How do I search a database using a specific field search? This code also needs to be secured from SQL injection but here is the basic code for learning purposes. The database connects but doesn't show the data. Please help!
Here is the html input form.
<h2>Search</h2>
<form name="search" action="searchresults.php" method="POST">
Seach for: <input type="text" name="find" /> in
<Select NAME="field">
<Option VALUE="firstName">First Name</option>
<Option VALUE="lastName">Last Name</option>
<Option VALUE="email">email</option>
</Select>
<input type="hidden" name="searching" value="yes" />
<input type="submit" name="search" value="Search" />
</form>
Here is the basic connection and table output. some of the code may be missing.
<?php
mysql_connect("127.0.0.1", "root", "pass") or die(mysql_error()) ;
mysql_select_db("users") or die(mysql_error()) ;
// We preform a bit of filtering
$find = strtoupper($find);
$find = strip_tags($find);
$find = trim ($find);
$email=$_POST['email'];
$find=$_POST['find'];
$field=$_POST['field'];
$data="SELECT firstName, lastName, email FROM userInfo WHERE upper($field) LIKE '% $find%'";
$result = mysql_query($data);
$count=mysql_numrows($result);
if($count > 0){
echo '<table align="center" width="800" border="0" cellpadding="4">';
echo '<tr height = 200><td>';
echo "<h1><font size='4' color='red'>Search Results</h1></font>";
echo "<table>";
echo "<table border='0' width='750' align='center'>";
echo "
<td width='30%' align='center'>First Name</td>
<td width='30%' align='center'>Last Name</td>
<td width='40%' align='center'>Email</td>";
echo "</tr>";
$row_number = 1;
while ($row = mysql_fetch_array($data)) {
$id= $row["id"];
$firstName= $row["firstName"];
$lastName= $row["lastName"];
$email= $row["email"];
for ($i=0; $i<3; $i++) {
echo"<td><font size =\"4\" color=\"black\"> $row[$i]</td>";
}
echo"</tr>";
$row_number++;
}
echo "</table>";
echo '</td></tr>';
echo '</table>';
}
?>
$data="SELECT firstName, lastName, email FROM userInfo WHERE upper($field) LIKE '% $find%'";
That space LIKE '% $find%'";
probably isn't correct
This is because upper($field) returns string, not the column-name that you might expect. Sql is built like 'FIRSTNAME'(as string) LIKE '% BOB%', which is false (because string 'FIRSTNAME' does not contain ' BOB'.
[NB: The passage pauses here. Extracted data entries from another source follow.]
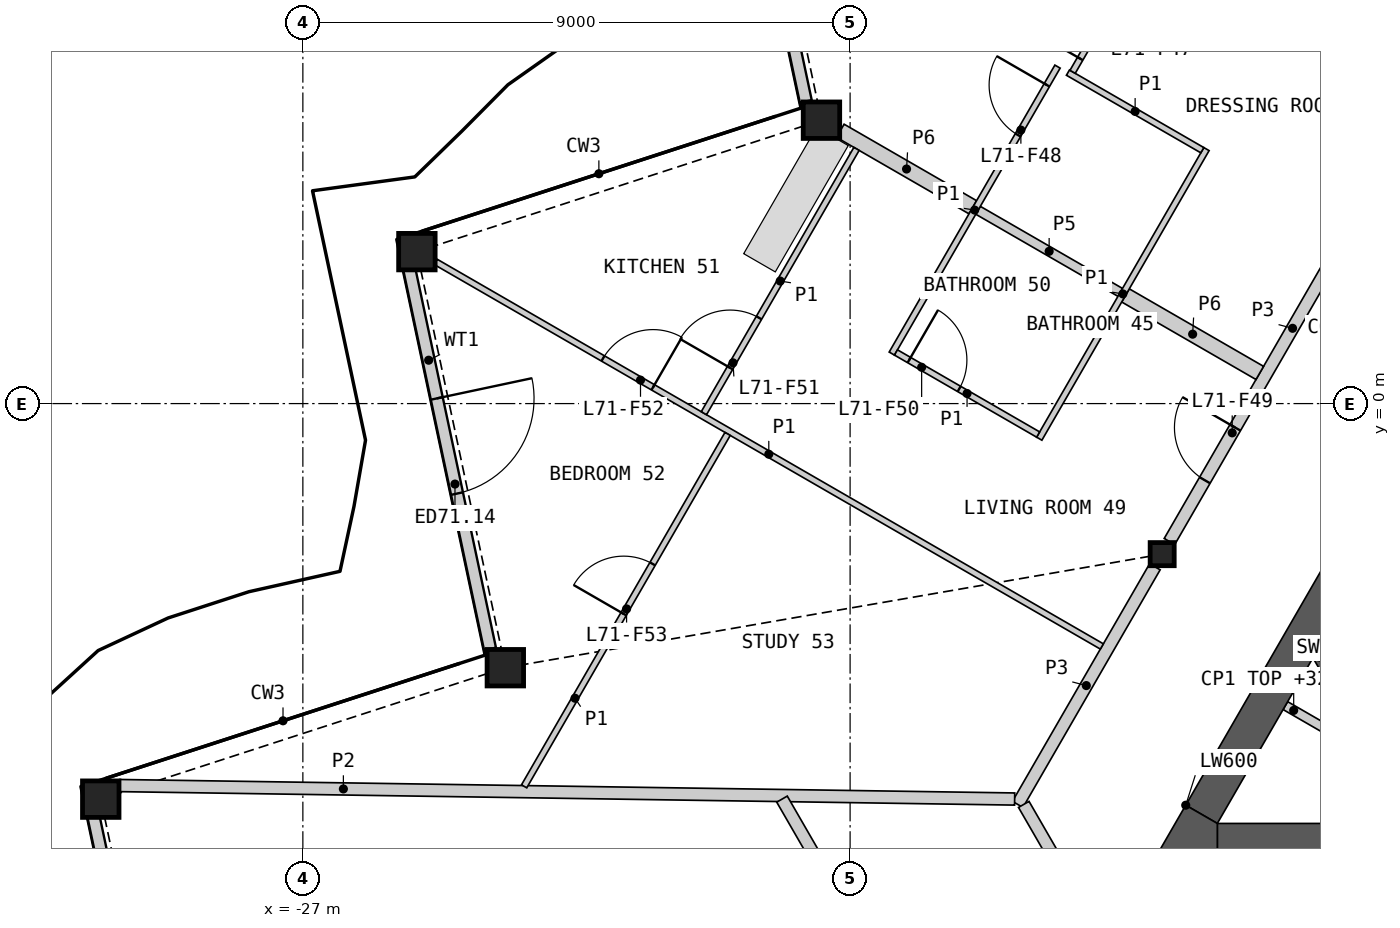
"""IFC4 building model, lengths in metres.
Left out: names, types, materials, properties, quantities, classifications, styles, units other than length and angle.
Written with IfcOpenShell. Run it as: python <this file> out.ifc"""

import sys

from ifc_helpers import new_model, si_unit, direction, frame, frame_2d, origin, origin_2d, place, context, subcontext, project, spatial, polyline, rectangle, hollow_rectangle, i_section, outline, extrude, element, fill, save


model = new_model("IFC4")
c1 = context("Model", 3, precision=1e-05, world=origin(), true_north=direction((0.0, 1.0)))
c2 = subcontext(c1, "Body", "Model", "MODEL_VIEW")
j1 = project(units=[si_unit("LENGTHUNIT", "METRE"), si_unit("PLANEANGLEUNIT", "RADIAN")], contexts=[c1])
p1 = place(None, origin())
s1 = spatial("IfcSite", under=j1, at=p1, CompositionType="ELEMENT")
p2 = place(p1, origin())
s2 = spatial("IfcBuilding", under=s1, at=p2, CompositionType="ELEMENT")
p3 = place(p2, frame((0.0, 0.0, 322.2)))
s3 = spatial("IfcBuildingStorey", under=s2, at=p3, CompositionType="ELEMENT", Elevation=322.2)
for number, where, z_axis, x_axis in (
    (1, (-18.471, 4.661, 0.0), (0.0, 0.0, 1.0), (1.0, 0.0, 0.0)),
    (2, (-25.125, 2.499, 0.0), (0.0, 0.0, 1.0), (1.0, 0.0, 0.0)),
    (3, (-23.67, -4.344, 0.0), (0.0, 0.0, 1.0), (1.0, 0.0, 0.0)),
    (4, (-30.324, -6.506, 0.0), (0.0, 0.0, 1.0), (1.0, 0.0, 0.0)),
):
    element("IfcColumn", number, at=place(p3, frame(where, z_axis=z_axis, x_axis=x_axis)), inside=s3, PredefinedType="COLUMN", context=c2, shape_type="SweptSolid", body=[
        extrude(hollow_rectangle(XDim=0.6, YDim=0.6, WallThickness=0.04, at=origin_2d()), origin(), (0.0, 0.0, 1.0), 3.4),
    ])
p4 = place(p3, frame((-12.868, -2.476, 0.0), z_axis=(0.0, 0.0, 1.0), x_axis=(1.0, 0.0, 0.0)))
e5 = element("IfcColumn", 5, at=p4, inside=s3, PredefinedType="COLUMN", context=c2, shape_type="SweptSolid", body=[
    extrude(i_section(OverallWidth=0.396, OverallDepth=0.381, WebThickness=0.019, FlangeThickness=0.03, at=origin_2d()), origin(), (0.0, 0.0, 1.0), 3.4),
])
p5 = place(p3, frame((-20.073, 11.294, 0.0), z_axis=(0.0, 0.0, 1.0), x_axis=(0.207893978909, -0.978151365349, 0.0)))
e6 = element("IfcWall", 6, at=p5, inside=s3, PredefinedType="SOLIDWALL", context=c2, shape_type="SweptSolid", body=[
    extrude(rectangle(XDim=6.466, YDim=0.2, at=frame_2d((3.233, 0.0))), origin(), (0.0, 0.0, 1.0), 2.488),
])
p6 = place(p5, frame((2.261, 0.0, 0.0)))
e7 = element("IfcOpeningElement", 7, at=p6, cuts=e6, PredefinedType="OPENING", context=c2, shape_type="SweptSolid", body=[
    extrude(rectangle(XDim=1.6, YDim=2.25, at=frame_2d((0.8, 1.125))), frame((0.0, 0.11, 0.0), z_axis=(0.0, -1.0, 0.0), x_axis=(1.0, 0.0, 0.0)), (0.0, 0.0, 1.0), 0.22),
])
p7 = place(p3, frame((-25.268, 2.297, 0.0), z_axis=(0.0, 0.0, 1.0), x_axis=(0.207937232358, -0.978142171363, 0.0)))
e8 = element("IfcWall", 8, at=p7, inside=s3, PredefinedType="SOLIDWALL", context=c2, shape_type="SweptSolid", body=[
    extrude(rectangle(XDim=6.474, YDim=0.2, at=frame_2d((3.237, 0.0))), origin(), (0.0, 0.0, 1.0), 2.488),
])
p8 = place(p7, frame((2.261, 0.0, 0.0)))
e9 = element("IfcOpeningElement", 9, at=p8, cuts=e8, PredefinedType="OPENING", context=c2, shape_type="SweptSolid", body=[
    extrude(rectangle(XDim=1.6, YDim=2.25, at=frame_2d((0.8, 1.125))), frame((0.0, 0.11, 0.0), z_axis=(0.0, -1.0, 0.0), x_axis=(1.0, 0.0, 0.0)), (0.0, 0.0, 1.0), 0.22),
])
p9 = place(p3, frame((-30.462, -6.701, 0.0), z_axis=(0.0, 0.0, 1.0), x_axis=(0.207915966693, -0.978146691859, 0.0)))
e10 = element("IfcWall", 10, at=p9, inside=s3, PredefinedType="SOLIDWALL", context=c2, shape_type="SweptSolid", body=[
    extrude(rectangle(XDim=6.482, YDim=0.2, at=frame_2d((3.241, 0.0))), origin(), (0.0, 0.0, 1.0), 2.488),
])
p10 = place(p9, frame((2.261, 0.0, 0.0)))
e11 = element("IfcOpeningElement", 11, at=p10, cuts=e10, PredefinedType="OPENING", context=c2, shape_type="SweptSolid", body=[
    extrude(rectangle(XDim=1.6, YDim=2.25, at=frame_2d((0.8, 1.125))), frame((0.0, 0.11, 0.0), z_axis=(0.0, -1.0, 0.0), x_axis=(1.0, 0.0, 0.0)), (0.0, 0.0, 1.0), 0.22),
])
p11 = place(p3, origin())
e12 = element("IfcWall", 12, at=p11, inside=s3, PredefinedType="SHEAR", context=c2, shape_type="SweptSolid", body=[
    extrude(outline(polyline([(-5.307, -1.281), (-10.374, -4.206), (-10.032, -4.298), (-5.182, -1.498), (-5.307, -1.281)])), origin(), (0.0, 0.0, 1.0), 3.1),
])
p12 = place(p3, origin())
e13 = element("IfcWall", 13, at=p12, inside=s3, PredefinedType="SHEAR", context=c2, shape_type="SweptSolid", body=[
    extrude(outline(polyline([(-10.374, -4.206), (-8.83, -6.881), (-8.738, -6.539), (-10.032, -4.298), (-10.374, -4.206)])), origin(), (0.0, 0.0, 1.0), 3.1),
])
p13 = place(p3, frame((-10.842, -4.967, 0.0), z_axis=(0.0, 0.0, 1.0), x_axis=(0.866098216386, -0.499873863663, 0.0)))
e14 = element("IfcWall", 14, at=p13, inside=s3, PredefinedType="PARTITIONING", context=c2, shape_type="SweptSolid", body=[
    extrude(rectangle(XDim=1.582, YDim=0.15, at=frame_2d((0.791, 0.0))), origin(), (0.0, 0.0, 1.0), 3.1),
])
p14 = place(p3, frame((-11.961, -7.206, 0.0), z_axis=(0.0, 0.0, 1.0), x_axis=(1.0, 0.0, 0.0)))
e15 = element("IfcWall", 15, at=p14, inside=s3, PredefinedType="SHEAR", context=c2, shape_type="SweptSolid", body=[
    extrude(rectangle(XDim=4.868, YDim=0.6, at=frame_2d((2.434, 0.0))), origin(), (0.0, 0.0, 1.0), 3.1),
])
p15 = place(p3, frame((-9.941, -2.807, 0.0), z_axis=(0.0, 0.0, 1.0), x_axis=(-0.500020646047, -0.866013483456, 0.0)))
e16 = element("IfcWall", 16, at=p15, inside=s3, PredefinedType="SHEAR", context=c2, shape_type="SweptSolid", body=[
    extrude(rectangle(XDim=4.559, YDim=0.6, at=frame_2d((2.28, 0.0))), origin(), (0.0, 0.0, 1.0), 3.1),
])
p16 = place(p3, origin())
e17 = element("IfcWall", 17, at=p16, inside=s3, PredefinedType="SHEAR", context=c2, shape_type="SweptSolid", body=[
    extrude(outline(polyline([(-12.48, -6.606), (-11.961, -6.906), (-11.961, -7.506), (-13.0, -7.506), (-12.48, -6.606)])), origin(), (0.0, 0.0, 1.0), 3.1),
])
p17 = place(p3, frame((-12.748, -2.269, 0.0), z_axis=(0.0, 0.0, 1.0), x_axis=(0.499984266882, 0.866034487114, 0.0)))
e18 = element("IfcWall", 18, at=p17, inside=s3, PredefinedType="PARTITIONING", context=c2, shape_type="SweptSolid", body=[
    extrude(rectangle(XDim=8.099, YDim=0.2, at=frame_2d((4.049, 0.0))), origin(), (0.0, 0.0, 1.0), 3.1),
])
p18 = place(p17, frame((1.164, 0.0, 0.0)))
e19 = element("IfcOpeningElement", 19, at=p18, cuts=e18, PredefinedType="OPENING", context=c2, shape_type="SweptSolid", body=[
    extrude(rectangle(XDim=1.0, YDim=2.1, at=frame_2d((0.5, 1.05))), frame((0.0, 0.11, 0.0), z_axis=(0.0, -1.0, 0.0), x_axis=(1.0, 0.0, 0.0)), (0.0, 0.0, 1.0), 0.22),
])
p19 = place(p3, frame((-15.244, -6.592, 0.0), z_axis=(0.0, 0.0, 1.0), x_axis=(0.49999094734, 0.866030630277, 0.0)))
e20 = element("IfcWall", 20, at=p19, inside=s3, PredefinedType="PARTITIONING", context=c2, shape_type="SweptSolid", body=[
    extrude(rectangle(XDim=4.513, YDim=0.2, at=frame_2d((2.256, 0.0))), origin(), (0.0, 0.0, 1.0), 3.1),
])
p20 = place(p3, frame((-15.144, -6.592, 0.0), z_axis=(0.0, 0.0, 1.0), x_axis=(0.499958791762, -0.866049194065, 0.0)))
e21 = element("IfcWall", 21, at=p20, inside=s3, PredefinedType="PARTITIONING", context=c2, shape_type="SweptSolid", body=[
    extrude(rectangle(XDim=3.726, YDim=0.2, at=frame_2d((1.863, 0.0))), origin(), (0.0, 0.0, 1.0), 3.1),
])
p21 = place(p20, frame((1.388, 0.0, 0.0)))
e22 = element("IfcOpeningElement", 22, at=p21, cuts=e21, PredefinedType="OPENING", context=c2, shape_type="SweptSolid", body=[
    extrude(rectangle(XDim=0.95, YDim=2.1, at=frame_2d((0.475, 1.05))), frame((0.0, 0.11, 0.0), z_axis=(0.0, -1.0, 0.0), x_axis=(1.0, 0.0, 0.0)), (0.0, 0.0, 1.0), 0.22),
])
p22 = place(p3, frame((-13.471, 1.779, 0.0), z_axis=(0.0, 0.0, 1.0), x_axis=(0.865989465428, -0.500062241894, 0.0)))
e23 = element("IfcWall", 23, at=p22, inside=s3, PredefinedType="PARTITIONING", context=c2, shape_type="SweptSolid", body=[
    extrude(rectangle(XDim=2.55, YDim=0.25, at=frame_2d((1.275, 0.0))), origin(), (0.0, 0.0, 1.0), 2.33),
])
p23 = place(p3, frame((-18.161, 4.487, 0.0), z_axis=(0.0, 0.0, 1.0), x_axis=(0.866012646713, -0.500022095245, 0.0)))
e24 = element("IfcWall", 24, at=p23, inside=s3, PredefinedType="PARTITIONING", context=c2, shape_type="SweptSolid", body=[
    extrude(rectangle(XDim=2.516, YDim=0.25, at=frame_2d((1.258, 0.0))), origin(), (0.0, 0.0, 1.0), 2.33),
])
p24 = place(p3, frame((-30.014, -6.282, 0.0), z_axis=(0.0, 0.0, 1.0), x_axis=(0.99988686643, -0.015041753265, 0.0)))
e25 = element("IfcWall", 25, at=p24, inside=s3, PredefinedType="PARTITIONING", context=c2, shape_type="SweptSolid", body=[
    extrude(rectangle(XDim=14.721, YDim=0.2, at=frame_2d((7.361, 0.0))), origin(), (0.0, 0.0, 1.0), 2.33),
])
p25 = place(p3, frame((-19.12, -6.506, 0.0), z_axis=(0.0, 0.0, 1.0), x_axis=(0.499978535015, -0.866037796245, 0.0)))
e26 = element("IfcWall", 26, at=p25, inside=s3, PredefinedType="PARTITIONING", context=c2, shape_type="SweptSolid", body=[
    extrude(rectangle(XDim=3.686, YDim=0.2, at=frame_2d((1.843, 0.0))), origin(), (0.0, 0.0, 1.0), 2.33),
])
p26 = place(p3, frame((-15.896, 3.179, 0.0), z_axis=(0.0, 0.0, 1.0), x_axis=(0.866059108428, -0.4999416173, 0.0)))
e27 = element("IfcWall", 27, at=p26, inside=s3, PredefinedType="PLUMBINGWALL", context=c2, shape_type="SweptSolid", body=[
    extrude(rectangle(XDim=2.7, YDim=0.15, at=frame_2d((1.35, 0.0))), origin(), (0.0, 0.0, 1.0), 2.33),
])
p27 = place(p3, frame((-24.815, 2.33, 0.0), z_axis=(0.0, 0.0, 1.0), x_axis=(0.866027776657, -0.499995890042, 0.0)))
e28 = element("IfcWall", 28, at=p27, inside=s3, PredefinedType="PARTITIONING", context=c2, shape_type="SweptSolid", body=[
    extrude(rectangle(XDim=12.649, YDim=0.1, at=frame_2d((6.325, 0.0))), origin(), (0.0, 0.0, 1.0), 2.33),
])
p28 = place(p27, frame((3.176, 0.0, 0.0)))
e29 = element("IfcOpeningElement", 29, at=p28, cuts=e28, PredefinedType="OPENING", context=c2, shape_type="SweptSolid", body=[
    extrude(rectangle(XDim=0.95, YDim=2.1, at=frame_2d((0.475, 1.05))), frame((0.0, 0.06, 0.0), z_axis=(0.0, -1.0, 0.0), x_axis=(1.0, 0.0, 0.0)), (0.0, 0.0, 1.0), 0.12),
])
p29 = place(p3, frame((-19.615, 11.325, 0.0), z_axis=(0.0, 0.0, 1.0), x_axis=(0.86602139559, -0.500006942333, 0.0)))
e30 = element("IfcWall", 30, at=p29, inside=s3, PredefinedType="PARTITIONING", context=c2, shape_type="SweptSolid", body=[
    extrude(rectangle(XDim=12.505, YDim=0.1, at=frame_2d((6.252, 0.0))), origin(), (0.0, 0.0, 1.0), 2.33),
])
p30 = place(p29, frame((6.28, 0.0, 0.0)))
e31 = element("IfcOpeningElement", 31, at=p30, cuts=e30, PredefinedType="OPENING", context=c2, shape_type="SweptSolid", body=[
    extrude(rectangle(XDim=0.95, YDim=2.1, at=frame_2d((0.475, 1.05))), frame((0.0, 0.06, 0.0), z_axis=(0.0, -1.0, 0.0), x_axis=(1.0, 0.0, 0.0)), (0.0, 0.0, 1.0), 0.12),
])
p31 = place(p3, frame((-23.361, -6.295, 0.0), z_axis=(0.0, 0.0, 1.0), x_axis=(0.499987686533, 0.866032512851, 0.0)))
e32 = element("IfcWall", 32, at=p31, inside=s3, PredefinedType="PARTITIONING", context=c2, shape_type="SweptSolid", body=[
    extrude(rectangle(XDim=6.693, YDim=0.1, at=frame_2d((3.347, 0.0))), origin(), (0.0, 0.0, 1.0), 2.33),
])
p32 = place(p31, frame((3.275, 0.0, 0.0)))
e33 = element("IfcOpeningElement", 33, at=p32, cuts=e32, PredefinedType="OPENING", context=c2, shape_type="SweptSolid", body=[
    extrude(rectangle(XDim=0.95, YDim=2.1, at=frame_2d((0.475, 1.05))), frame((0.0, 0.06, 0.0), z_axis=(0.0, -1.0, 0.0), x_axis=(1.0, 0.0, 0.0)), (0.0, 0.0, 1.0), 0.12),
])
p33 = place(p3, frame((-17.314, 0.823, 0.0), z_axis=(0.0, 0.0, 1.0), x_axis=(0.499988730927, 0.866031909889, 0.0)))
e34 = element("IfcWall", 34, at=p33, inside=s3, PredefinedType="PARTITIONING", context=c2, shape_type="SweptSolid", body=[
    extrude(rectangle(XDim=5.45, YDim=0.1, at=frame_2d((2.725, 0.0))), origin(), (0.0, 0.0, 1.0), 2.33),
])
p34 = place(p33, frame((4.15, 0.0, 0.0)))
e35 = element("IfcOpeningElement", 35, at=p34, cuts=e34, PredefinedType="OPENING", context=c2, shape_type="SweptSolid", body=[
    extrude(rectangle(XDim=0.95, YDim=2.1, at=frame_2d((0.475, 1.05))), frame((0.0, 0.06, 0.0), z_axis=(0.0, -1.0, 0.0), x_axis=(1.0, 0.0, 0.0)), (0.0, 0.0, 1.0), 0.12),
])
p35 = place(p3, frame((-14.889, -0.577, 0.0), z_axis=(0.0, 0.0, 1.0), x_axis=(0.500015767406, 0.866016300277, 0.0)))
e36 = element("IfcWall", 36, at=p35, inside=s3, PredefinedType="PARTITIONING", context=c2, shape_type="SweptSolid", body=[
    extrude(rectangle(XDim=5.5, YDim=0.1, at=frame_2d((2.75, 0.0))), origin(), (0.0, 0.0, 1.0), 2.33),
])
p36 = place(p3, frame((-20.405, -0.158, 0.0), z_axis=(0.0, 0.0, 1.0), x_axis=(0.499989096993, 0.866031698547, 0.0)))
e37 = element("IfcWall", 37, at=p36, inside=s3, PredefinedType="PARTITIONING", context=c2, shape_type="SweptSolid", body=[
    extrude(rectangle(XDim=5.02, YDim=0.1, at=frame_2d((2.51, 0.0))), origin(), (0.0, 0.0, 1.0), 2.33),
])
p37 = place(p36, frame((0.862, 0.0, 0.0)))
e38 = element("IfcOpeningElement", 38, at=p37, cuts=e37, PredefinedType="OPENING", context=c2, shape_type="SweptSolid", body=[
    extrude(rectangle(XDim=0.95, YDim=2.1, at=frame_2d((0.475, 1.05))), frame((0.0, 0.06, 0.0), z_axis=(0.0, -1.0, 0.0), x_axis=(1.0, 0.0, 0.0)), (0.0, 0.0, 1.0), 0.12),
])
p38 = place(p3, frame((-17.246, 0.841, 0.0), z_axis=(0.0, 0.0, 1.0), x_axis=(0.86599734893, -0.500048589285, 0.0)))
e39 = element("IfcWall", 39, at=p38, inside=s3, PredefinedType="PARTITIONING", context=c2, shape_type="SweptSolid", body=[
    extrude(rectangle(XDim=2.7, YDim=0.1, at=frame_2d((1.35, 0.0))), origin(), (0.0, 0.0, 1.0), 2.33),
])
p39 = place(p38, frame((0.25, 0.0, 0.0)))
e40 = element("IfcOpeningElement", 40, at=p39, cuts=e39, PredefinedType="OPENING", context=c2, shape_type="SweptSolid", body=[
    extrude(rectangle(XDim=0.95, YDim=2.1, at=frame_2d((0.475, 1.05))), frame((0.0, 0.06, 0.0), z_axis=(0.0, -1.0, 0.0), x_axis=(1.0, 0.0, 0.0)), (0.0, 0.0, 1.0), 0.12),
])
p40 = place(p3, frame((-14.417, 5.443, 0.0), z_axis=(0.0, 0.0, 1.0), x_axis=(0.865991210529, -0.500059219779, 0.0)))
e41 = element("IfcWall", 41, at=p40, inside=s3, PredefinedType="PARTITIONING", context=c2, shape_type="SweptSolid", body=[
    extrude(rectangle(XDim=2.552, YDim=0.1, at=frame_2d((1.276, 0.0))), origin(), (0.0, 0.0, 1.0), 2.33),
])
p41 = place(p3, frame((-14.341, 5.457, 0.0), z_axis=(0.0, 0.0, 1.0), x_axis=(0.499954846121, 0.866051471819, 0.0)))
e42 = element("IfcWall", 42, at=p41, inside=s3, PredefinedType="PARTITIONING", context=c2, shape_type="SweptSolid", body=[
    extrude(rectangle(XDim=2.395, YDim=0.1, at=frame_2d((1.197, 0.0))), origin(), (0.0, 0.0, 1.0), 2.33),
])
p42 = place(p41, frame((0.25, 0.0, 0.0)))
e43 = element("IfcOpeningElement", 43, at=p42, cuts=e42, PredefinedType="OPENING", context=c2, shape_type="SweptSolid", body=[
    extrude(rectangle(XDim=0.95, YDim=2.1, at=frame_2d((0.475, 1.05))), frame((0.0, 0.06, 0.0), z_axis=(0.0, -1.0, 0.0), x_axis=(1.0, 0.0, 0.0)), (0.0, 0.0, 1.0), 0.12),
])
p43 = place(p8, origin())
e44 = element("IfcDoor", 44, at=p43, inside=s3, OperationType="DOUBLE_DOOR_SINGLE_SWING", PredefinedType="DOOR", context=c2, shape_type="SweptSolid", body=[
    extrude(rectangle(XDim=1.6, YDim=2.25, at=frame_2d((0.8, 1.125))), frame((0.0, 0.025, 0.0), z_axis=(0.0, -1.0, 0.0), x_axis=(1.0, 0.0, 0.0)), (0.0, 0.0, 1.0), 0.05),
])
fill(e9, e44)
p44 = place(p42, origin())
e45 = element("IfcDoor", 45, at=p44, inside=s3, OperationType="SINGLE_SWING_LEFT", PredefinedType="DOOR", context=c2, shape_type="SweptSolid", body=[
    extrude(rectangle(XDim=0.95, YDim=2.1, at=frame_2d((0.475, 1.05))), frame((0.0, 0.025, 0.0), z_axis=(0.0, -1.0, 0.0), x_axis=(1.0, 0.0, 0.0)), (0.0, 0.0, 1.0), 0.05),
])
fill(e43, e45)
p45 = place(p34, origin())
e46 = element("IfcDoor", 46, at=p45, inside=s3, OperationType="SINGLE_SWING_RIGHT", PredefinedType="DOOR", context=c2, shape_type="SweptSolid", body=[
    extrude(rectangle(XDim=0.95, YDim=2.1, at=frame_2d((0.475, 1.05))), frame((0.0, 0.025, 0.0), z_axis=(0.0, -1.0, 0.0), x_axis=(1.0, 0.0, 0.0)), (0.0, 0.0, 1.0), 0.05),
])
fill(e35, e46)
p46 = place(p18, origin())
e47 = element("IfcDoor", 47, at=p46, inside=s3, OperationType="SINGLE_SWING_RIGHT", PredefinedType="DOOR", context=c2, shape_type="SweptSolid", body=[
    extrude(rectangle(XDim=1.0, YDim=2.1, at=frame_2d((0.5, 1.05))), frame((0.0, 0.025, 0.0), z_axis=(0.0, -1.0, 0.0), x_axis=(1.0, 0.0, 0.0)), (0.0, 0.0, 1.0), 0.05),
])
fill(e19, e47)
p47 = place(p39, origin())
e48 = element("IfcDoor", 48, at=p47, inside=s3, OperationType="SINGLE_SWING_LEFT", PredefinedType="DOOR", context=c2, shape_type="SweptSolid", body=[
    extrude(rectangle(XDim=0.95, YDim=2.1, at=frame_2d((0.475, 1.05))), frame((0.0, 0.025, 0.0), z_axis=(0.0, -1.0, 0.0), x_axis=(1.0, 0.0, 0.0)), (0.0, 0.0, 1.0), 0.05),
])
fill(e40, e48)
p48 = place(p37, origin())
e49 = element("IfcDoor", 49, at=p48, inside=s3, OperationType="SINGLE_SWING_LEFT", PredefinedType="DOOR", context=c2, shape_type="SweptSolid", body=[
    extrude(rectangle(XDim=0.95, YDim=2.1, at=frame_2d((0.475, 1.05))), frame((0.0, 0.025, 0.0), z_axis=(0.0, -1.0, 0.0), x_axis=(1.0, 0.0, 0.0)), (0.0, 0.0, 1.0), 0.05),
])
fill(e38, e49)
p49 = place(p28, origin())
e50 = element("IfcDoor", 50, at=p49, inside=s3, OperationType="SINGLE_SWING_RIGHT", PredefinedType="DOOR", context=c2, shape_type="SweptSolid", body=[
    extrude(rectangle(XDim=0.95, YDim=2.1, at=frame_2d((0.475, 1.05))), frame((0.0, 0.025, 0.0), z_axis=(0.0, -1.0, 0.0), x_axis=(1.0, 0.0, 0.0)), (0.0, 0.0, 1.0), 0.05),
])
fill(e29, e50)
p50 = place(p32, origin())
e51 = element("IfcDoor", 51, at=p50, inside=s3, OperationType="SINGLE_SWING_LEFT", PredefinedType="DOOR", context=c2, shape_type="SweptSolid", body=[
    extrude(rectangle(XDim=0.95, YDim=2.1, at=frame_2d((0.475, 1.05))), frame((0.0, 0.025, 0.0), z_axis=(0.0, -1.0, 0.0), x_axis=(1.0, 0.0, 0.0)), (0.0, 0.0, 1.0), 0.05),
])
fill(e33, e51)
save(model, sys.argv[1])

And one more problem, two spaces included before $find, even when user try to find 'BOB', db does not find 'BOB' because it does not includes two space before BOB.
To make this work, you have to prepare column name outside of sql world like below:
$searchField = strtoupper($field);
$data="SELECT firstName, lastName, email FROM userInfo WHERE `$searchField` LIKE '%$find%'";
Note that field name cannot be parameterized using prepare statement AFAIK so you have to do much care of it.